Association analysis of rs1695 and rs1138272 variations in GSTP1 gene and breast cancer susceptibility

Farmohammadi, Amir; Arab-Yarmohammadi, Vahid; Ramzanpour, Ramin

doi:10.31557/APJCP.2020.21.4.1167

Association analysis of rs1695 and rs1138272 variations in GSTP1 gene and breast cancer susceptibility

Document Type : Research Articles

Authors

¹ Student Research Committee, Isfahan University of Medical Sciences, Isfahan, Iran.

² Cellular and Molecular Biology Research Center, Health Research Institute, Babol University of Medical Sciences, Babol, Iran.

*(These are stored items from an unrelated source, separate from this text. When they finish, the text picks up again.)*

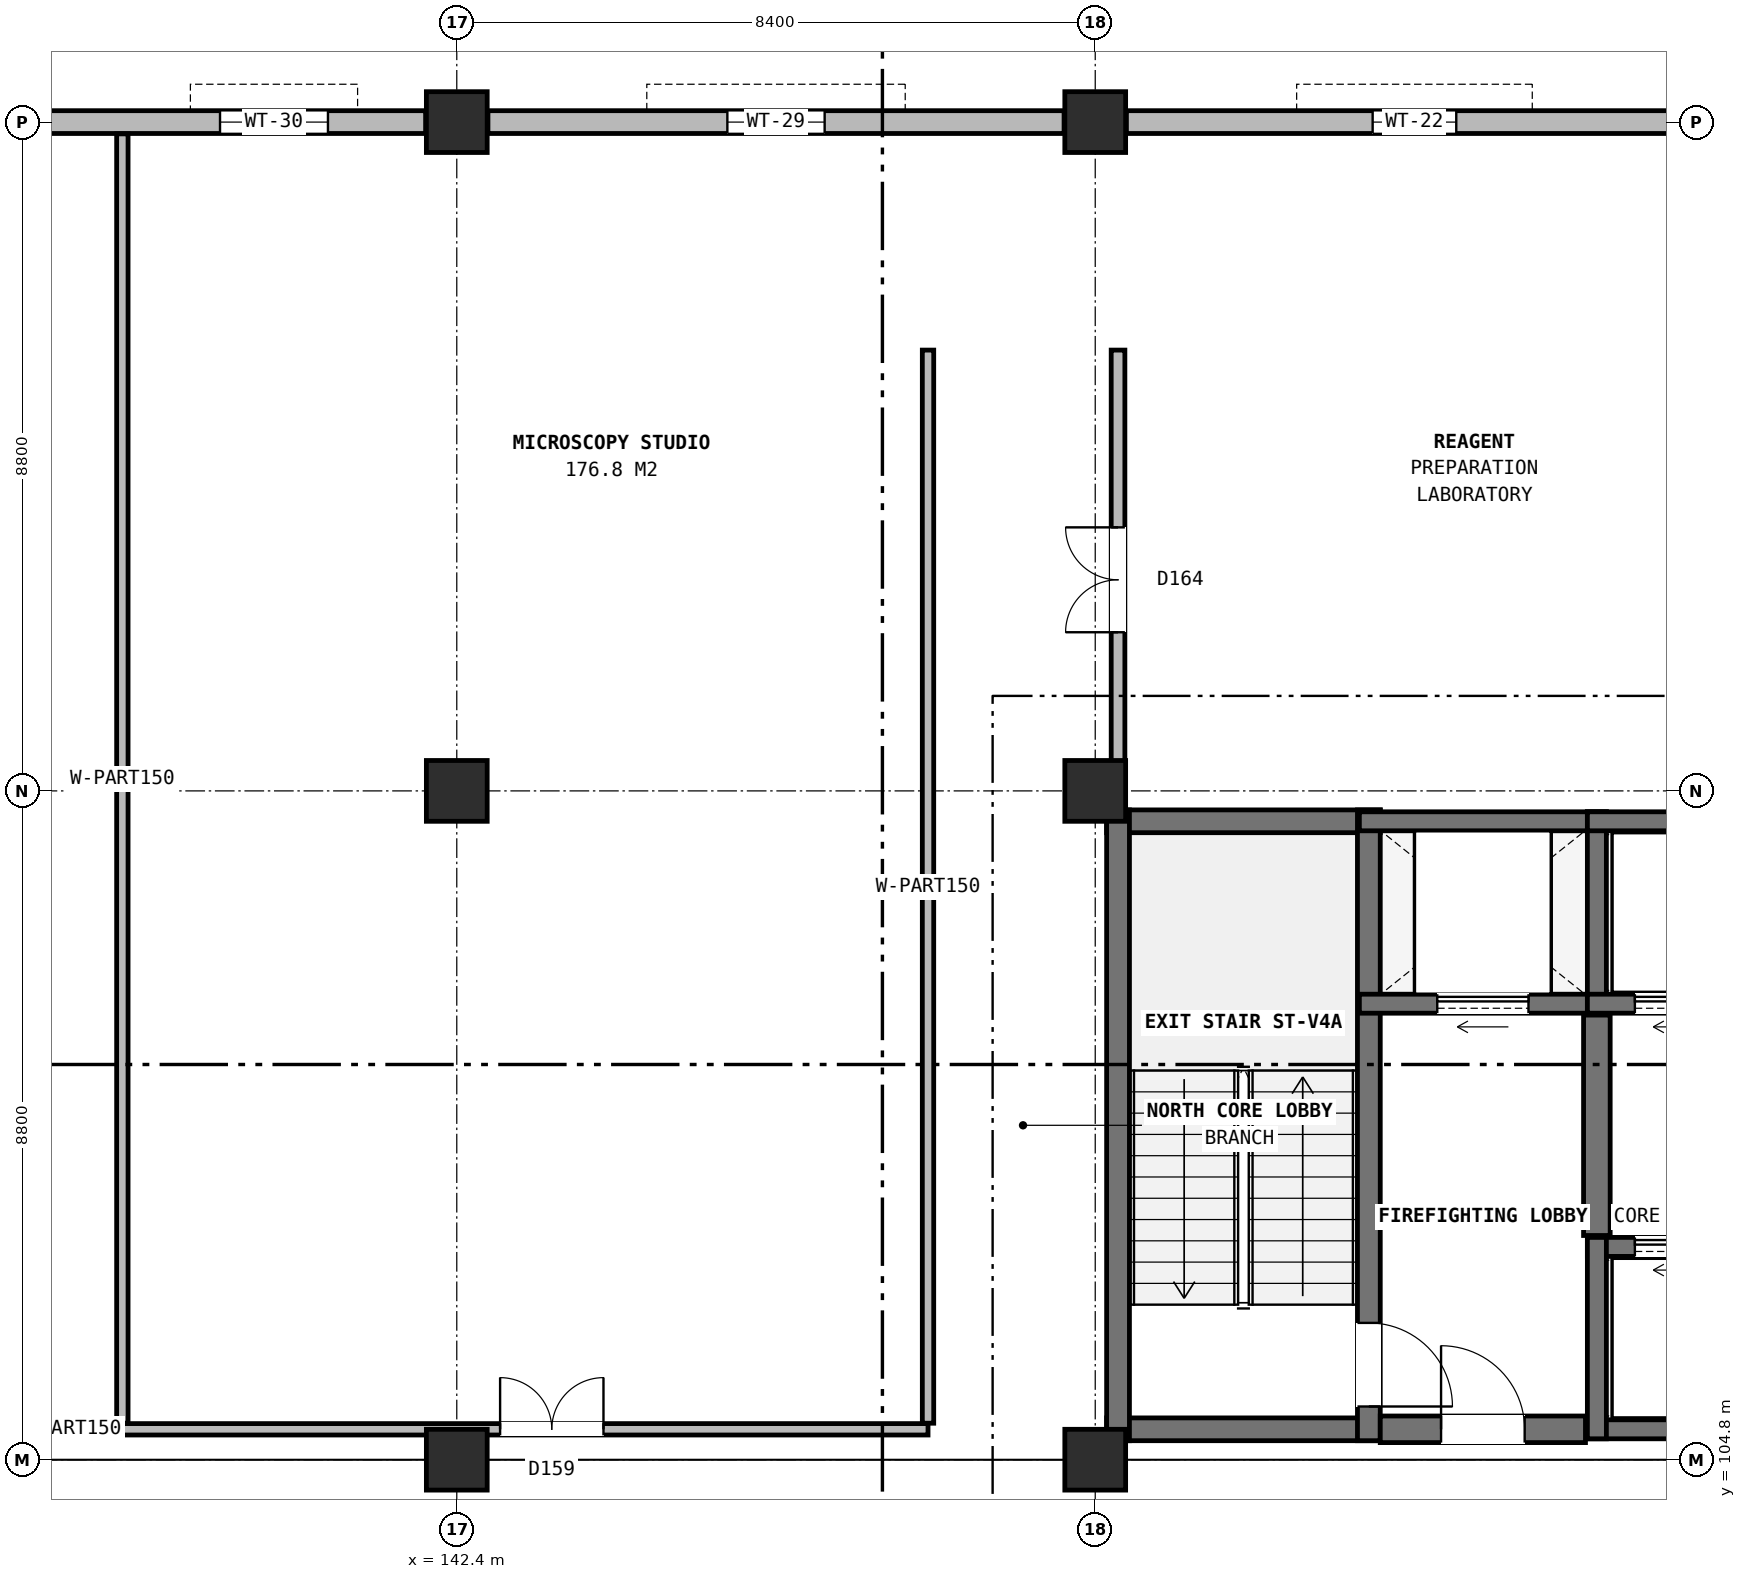
"""IFC4 building model, lengths in metres.
Left out: names, types, materials, properties, quantities, classifications, styles, units other than length and angle.
Written with IfcOpenShell. Run it as: python <this file> out.ifc"""

import sys

from ifc_helpers import new_model, si_unit, direction, frame, frame_2d, origin, origin_2d, place, context, subcontext, project, spatial, rectangle, extrude, element, fill, save


model = new_model("IFC4")
c1 = context("Model", 3, precision=1e-05, world=origin(), true_north=direction((0.0, 1.0)))
c2 = subcontext(c1, "Body", "Model", "MODEL_VIEW")
j1 = project(units=[si_unit("LENGTHUNIT", "METRE"), si_unit("PLANEANGLEUNIT", "RADIAN")], contexts=[c1])
p1 = place(None, origin())
s1 = spatial("IfcSite", under=j1, at=p1, CompositionType="ELEMENT")
p2 = place(p1, origin())
s2 = spatial("IfcBuilding", under=s1, at=p2, CompositionType="ELEMENT")
p3 = place(p2, frame((0.0, 0.0, 4.8)))
s3 = spatial("IfcBuildingStorey", under=s2, at=p3, CompositionType="ELEMENT", Elevation=4.8)
for number, where, z_axis, x_axis in (
    (1, (142.4, 104.8, 0.0), (0.0, 0.0, 1.0), (1.0, 0.0, 0.0)),
    (2, (142.4, 113.6, 0.0), (0.0, 0.0, 1.0), (1.0, 0.0, 0.0)),
    (3, (142.4, 122.4, 0.0), (0.0, 0.0, 1.0), (1.0, 0.0, 0.0)),
    (4, (150.8, 104.8, 0.0), (0.0, 0.0, 1.0), (1.0, 0.0, 0.0)),
    (5, (150.8, 113.6, 0.0), (0.0, 0.0, 1.0), (1.0, 0.0, 0.0)),
    (6, (150.8, 122.4, 0.0), (0.0, 0.0, 1.0), (1.0, 0.0, 0.0)),
):
    element("IfcColumn", number, at=place(p3, frame(where, z_axis=z_axis, x_axis=x_axis)), inside=s3, PredefinedType="COLUMN", context=c2, shape_type="SweptSolid", body=[
        extrude(rectangle(XDim=0.8, YDim=0.8, at=origin_2d()), origin(), (0.0, 0.0, 1.0), 4.2),
    ])
p4 = place(p3, frame((158.79, 122.4, 0.0), z_axis=(0.0, 0.0, 1.0), x_axis=(-1.0, 0.0, 0.0)))
e7 = element("IfcWall", 7, at=p4, inside=s3, PredefinedType="SOLIDWALL", context=c2, shape_type="SweptSolid", body=[
    extrude(rectangle(XDim=7.58, YDim=0.3, at=frame_2d((3.79, 0.0))), origin(), (0.0, 0.0, 1.0), 3.45),
])
p5 = place(p4, frame((3.24, 0.0, 0.9)))
e8 = element("IfcOpeningElement", 8, at=p5, cuts=e7, PredefinedType="OPENING", context=c2, shape_type="SweptSolid", body=[
    extrude(rectangle(XDim=1.1, YDim=1.65, at=frame_2d((0.55, 0.825))), frame((0.0, 0.16, 0.0), z_axis=(0.0, -1.0, 0.0), x_axis=(1.0, 0.0, 0.0)), (0.0, 0.0, 1.0), 0.32),
])
p6 = place(p3, frame((150.39, 122.4, 0.0), z_axis=(0.0, 0.0, 1.0), x_axis=(-1.0, 0.0, 0.0)))
e9 = element("IfcWall", 9, at=p6, inside=s3, PredefinedType="SOLIDWALL", context=c2, shape_type="SweptSolid", body=[
    extrude(rectangle(XDim=7.58, YDim=0.3, at=frame_2d((3.79, 0.0))), origin(), (0.0, 0.0, 1.0), 3.45),
])
p7 = place(p6, frame((3.15, 0.0, 0.9)))
e10 = element("IfcOpeningElement", 10, at=p7, cuts=e9, PredefinedType="OPENING", context=c2, shape_type="SweptSolid", body=[
    extrude(rectangle(XDim=1.28, YDim=1.82, at=frame_2d((0.64, 0.91))), frame((0.0, 0.16, 0.0), z_axis=(0.0, -1.0, 0.0), x_axis=(1.0, 0.0, 0.0)), (0.0, 0.0, 1.0), 0.32),
])
p8 = place(p3, frame((141.99, 122.4, 0.0), z_axis=(0.0, 0.0, 1.0), x_axis=(-1.0, 0.0, 0.0)))
e11 = element("IfcWall", 11, at=p8, inside=s3, PredefinedType="SOLIDWALL", context=c2, shape_type="SweptSolid", body=[
    extrude(rectangle(XDim=7.58, YDim=0.3, at=frame_2d((3.79, 0.0))), origin(), (0.0, 0.0, 1.0), 3.45),
])
p9 = place(p8, frame((1.285, 0.0, 0.9)))
e12 = element("IfcOpeningElement", 12, at=p9, cuts=e11, PredefinedType="OPENING", context=c2, shape_type="SweptSolid", body=[
    extrude(rectangle(XDim=1.42, YDim=1.86, at=frame_2d((0.71, 0.93))), frame((0.0, 0.16, 0.0), z_axis=(0.0, -1.0, 0.0), x_axis=(1.0, 0.0, 0.0)), (0.0, 0.0, 1.0), 0.32),
])
for number, where, z_axis, x_axis in (
    (13, (150.95, 105.2, 0.0), (0.0, 0.0, 1.0), (1.0, 0.0, 0.0)),
    (14, (150.95, 113.2, 0.0), (0.0, 0.0, 1.0), (1.0, 0.0, 0.0)),
):
    element("IfcWall", number, at=place(p3, frame(where, z_axis=z_axis, x_axis=x_axis)), inside=s3, PredefinedType="SHEAR", context=c2, shape_type="SweptSolid", body=[
        extrude(rectangle(XDim=3.6, YDim=0.3, at=frame_2d((1.8, 0.0))), origin(), (0.0, 0.0, 1.0), 4.2),
    ])
p10 = place(p3, frame((151.1, 105.05, 0.0), z_axis=(0.0, 0.0, 1.0), x_axis=(0.0, 1.0, 0.0)))
e15 = element("IfcWall", 15, at=p10, inside=s3, PredefinedType="SHEAR", context=c2, shape_type="SweptSolid", body=[
    extrude(rectangle(XDim=8.3, YDim=0.3, at=frame_2d((4.15, 0.0))), origin(), (0.0, 0.0, 1.0), 4.2),
])
p11 = place(p3, frame((154.4, 105.05, 0.0), z_axis=(0.0, 0.0, 1.0), x_axis=(0.0, 1.0, 0.0)))
e16 = element("IfcWall", 16, at=p11, inside=s3, PredefinedType="SHEAR", context=c2, shape_type="SweptSolid", body=[
    extrude(rectangle(XDim=8.3, YDim=0.3, at=frame_2d((4.15, 0.0))), origin(), (0.0, 0.0, 1.0), 4.2),
])
p12 = place(p11, frame((0.45, 0.0, 0.0)))
e17 = element("IfcOpeningElement", 17, at=p12, cuts=e16, PredefinedType="OPENING", context=c2, shape_type="SweptSolid", body=[
    extrude(rectangle(XDim=1.1, YDim=2.2, at=frame_2d((0.55, 1.1))), frame((0.0, 0.16, 0.0), z_axis=(0.0, -1.0, 0.0), x_axis=(1.0, 0.0, 0.0)), (0.0, 0.0, 1.0), 0.32),
])
p13 = place(p3, frame((154.275, 110.8, 0.0), z_axis=(0.0, 0.0, 1.0), x_axis=(1.0, 0.0, 0.0)))
e18 = element("IfcWall", 18, at=p13, inside=s3, PredefinedType="SOLIDWALL", context=c2, shape_type="SweptSolid", body=[
    extrude(rectangle(XDim=3.25, YDim=0.25, at=frame_2d((1.625, 0.0))), origin(), (0.0, 0.0, 1.0), 3.88),
])
p14 = place(p13, frame((1.025, 0.0, 0.0)))
e19 = element("IfcOpeningElement", 19, at=p14, cuts=e18, PredefinedType="OPENING", context=c2, shape_type="SweptSolid", body=[
    extrude(rectangle(XDim=1.2, YDim=2.2, at=frame_2d((0.6, 1.1))), frame((0.0, 0.135, 0.0), z_axis=(0.0, -1.0, 0.0), x_axis=(1.0, 0.0, 0.0)), (0.0, 0.0, 1.0), 0.27),
])
p15 = place(p3, frame((154.275, 113.2, 0.0), z_axis=(0.0, 0.0, 1.0), x_axis=(1.0, 0.0, 0.0)))
e20 = element("IfcWall", 20, at=p15, inside=s3, PredefinedType="SOLIDWALL", context=c2, shape_type="SweptSolid", body=[
    extrude(rectangle(XDim=3.25, YDim=0.25, at=frame_2d((1.625, 0.0))), origin(), (0.0, 0.0, 1.0), 3.88),
])
p16 = place(p3, frame((157.4, 110.675, 0.0), z_axis=(0.0, 0.0, 1.0), x_axis=(0.0, 1.0, 0.0)))
e21 = element("IfcWall", 21, at=p16, inside=s3, PredefinedType="SOLIDWALL", context=c2, shape_type="SweptSolid", body=[
    extrude(rectangle(XDim=2.65, YDim=0.25, at=frame_2d((1.325, 0.0))), origin(), (0.0, 0.0, 1.0), 3.88),
])
p17 = place(p3, frame((157.275, 110.8, 0.0), z_axis=(0.0, 0.0, 1.0), x_axis=(1.0, 0.0, 0.0)))
e22 = element("IfcWall", 22, at=p17, inside=s3, PredefinedType="SOLIDWALL", context=c2, shape_type="SweptSolid", body=[
    extrude(rectangle(XDim=2.35, YDim=0.25, at=frame_2d((1.175, 0.0))), origin(), (0.0, 0.0, 1.0), 3.88),
])
p18 = place(p17, frame((0.625, 0.0, 0.0)))
e23 = element("IfcOpeningElement", 23, at=p18, cuts=e22, PredefinedType="OPENING", context=c2, shape_type="SweptSolid", body=[
    extrude(rectangle(XDim=1.1, YDim=2.2, at=frame_2d((0.55, 1.1))), frame((0.0, 0.135, 0.0), z_axis=(0.0, -1.0, 0.0), x_axis=(1.0, 0.0, 0.0)), (0.0, 0.0, 1.0), 0.27),
])
for number, where, z_axis, x_axis in (
    (24, (157.275, 113.2, 0.0), (0.0, 0.0, 1.0), (1.0, 0.0, 0.0)),
    (25, (157.275, 105.2, 0.0), (0.0, 0.0, 1.0), (1.0, 0.0, 0.0)),
):
    element("IfcWall", number, at=place(p3, frame(where, z_axis=z_axis, x_axis=x_axis)), inside=s3, PredefinedType="SOLIDWALL", context=c2, shape_type="SweptSolid", body=[
        extrude(rectangle(XDim=2.35, YDim=0.25, at=frame_2d((1.175, 0.0))), origin(), (0.0, 0.0, 1.0), 3.88),
    ])
p19 = place(p3, frame((157.275, 107.6, 0.0), z_axis=(0.0, 0.0, 1.0), x_axis=(1.0, 0.0, 0.0)))
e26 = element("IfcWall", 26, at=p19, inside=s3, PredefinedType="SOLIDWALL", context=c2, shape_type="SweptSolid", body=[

10.31557/APJCP.2020.21.4.1167

Abstract

Background: The glutathione S transferases P1 (GSTP1) is one of the common type of the GSTs family. This gene has several genetic polymorphisms that the rs1695 and rs1138272 are the most common variations in this gene. This study aimed to examine the association of these genetic variations with breast cancer risk which was followed by bioinformatics analysis. Material and methods: In a case-control study, 200 participants including 100 women with breast cancer and 100 healthy women were enrolled. After blood sample collection and DNA extraction, the total genomic DNA was extracted from this sample. The SNPeffects online software was employed to evaluate the effects of rs1695 genetic variation on the GSTP1 protein structure. Results: Our data revealed that there is a significant association between rs1695 genetic variation and the risk of breast cancer in homozygote (OR= 3.1532, 95%CI= 1.1072 to 8.9798, p= 0.0315) and allelic (OR= 1.6098, 95%CI= 1.0577 to 2.4500, p= 0.0263) genetic comparisons. This despite the fact that the rs1138272 polymorphism was not associated with breast cancer risk. Our bioinformatics analysis based on WALTZ output showed that the rs1695 polymorphism reduces the amyloid propensity of the GSTP1 enzyme (dWALTZ= -228.00). Conclusions: Based on our findings, the rs1695 genetic variation is a genetic risk factor for breast cancer and it could be considered as a biomarker for screening of susceptible women.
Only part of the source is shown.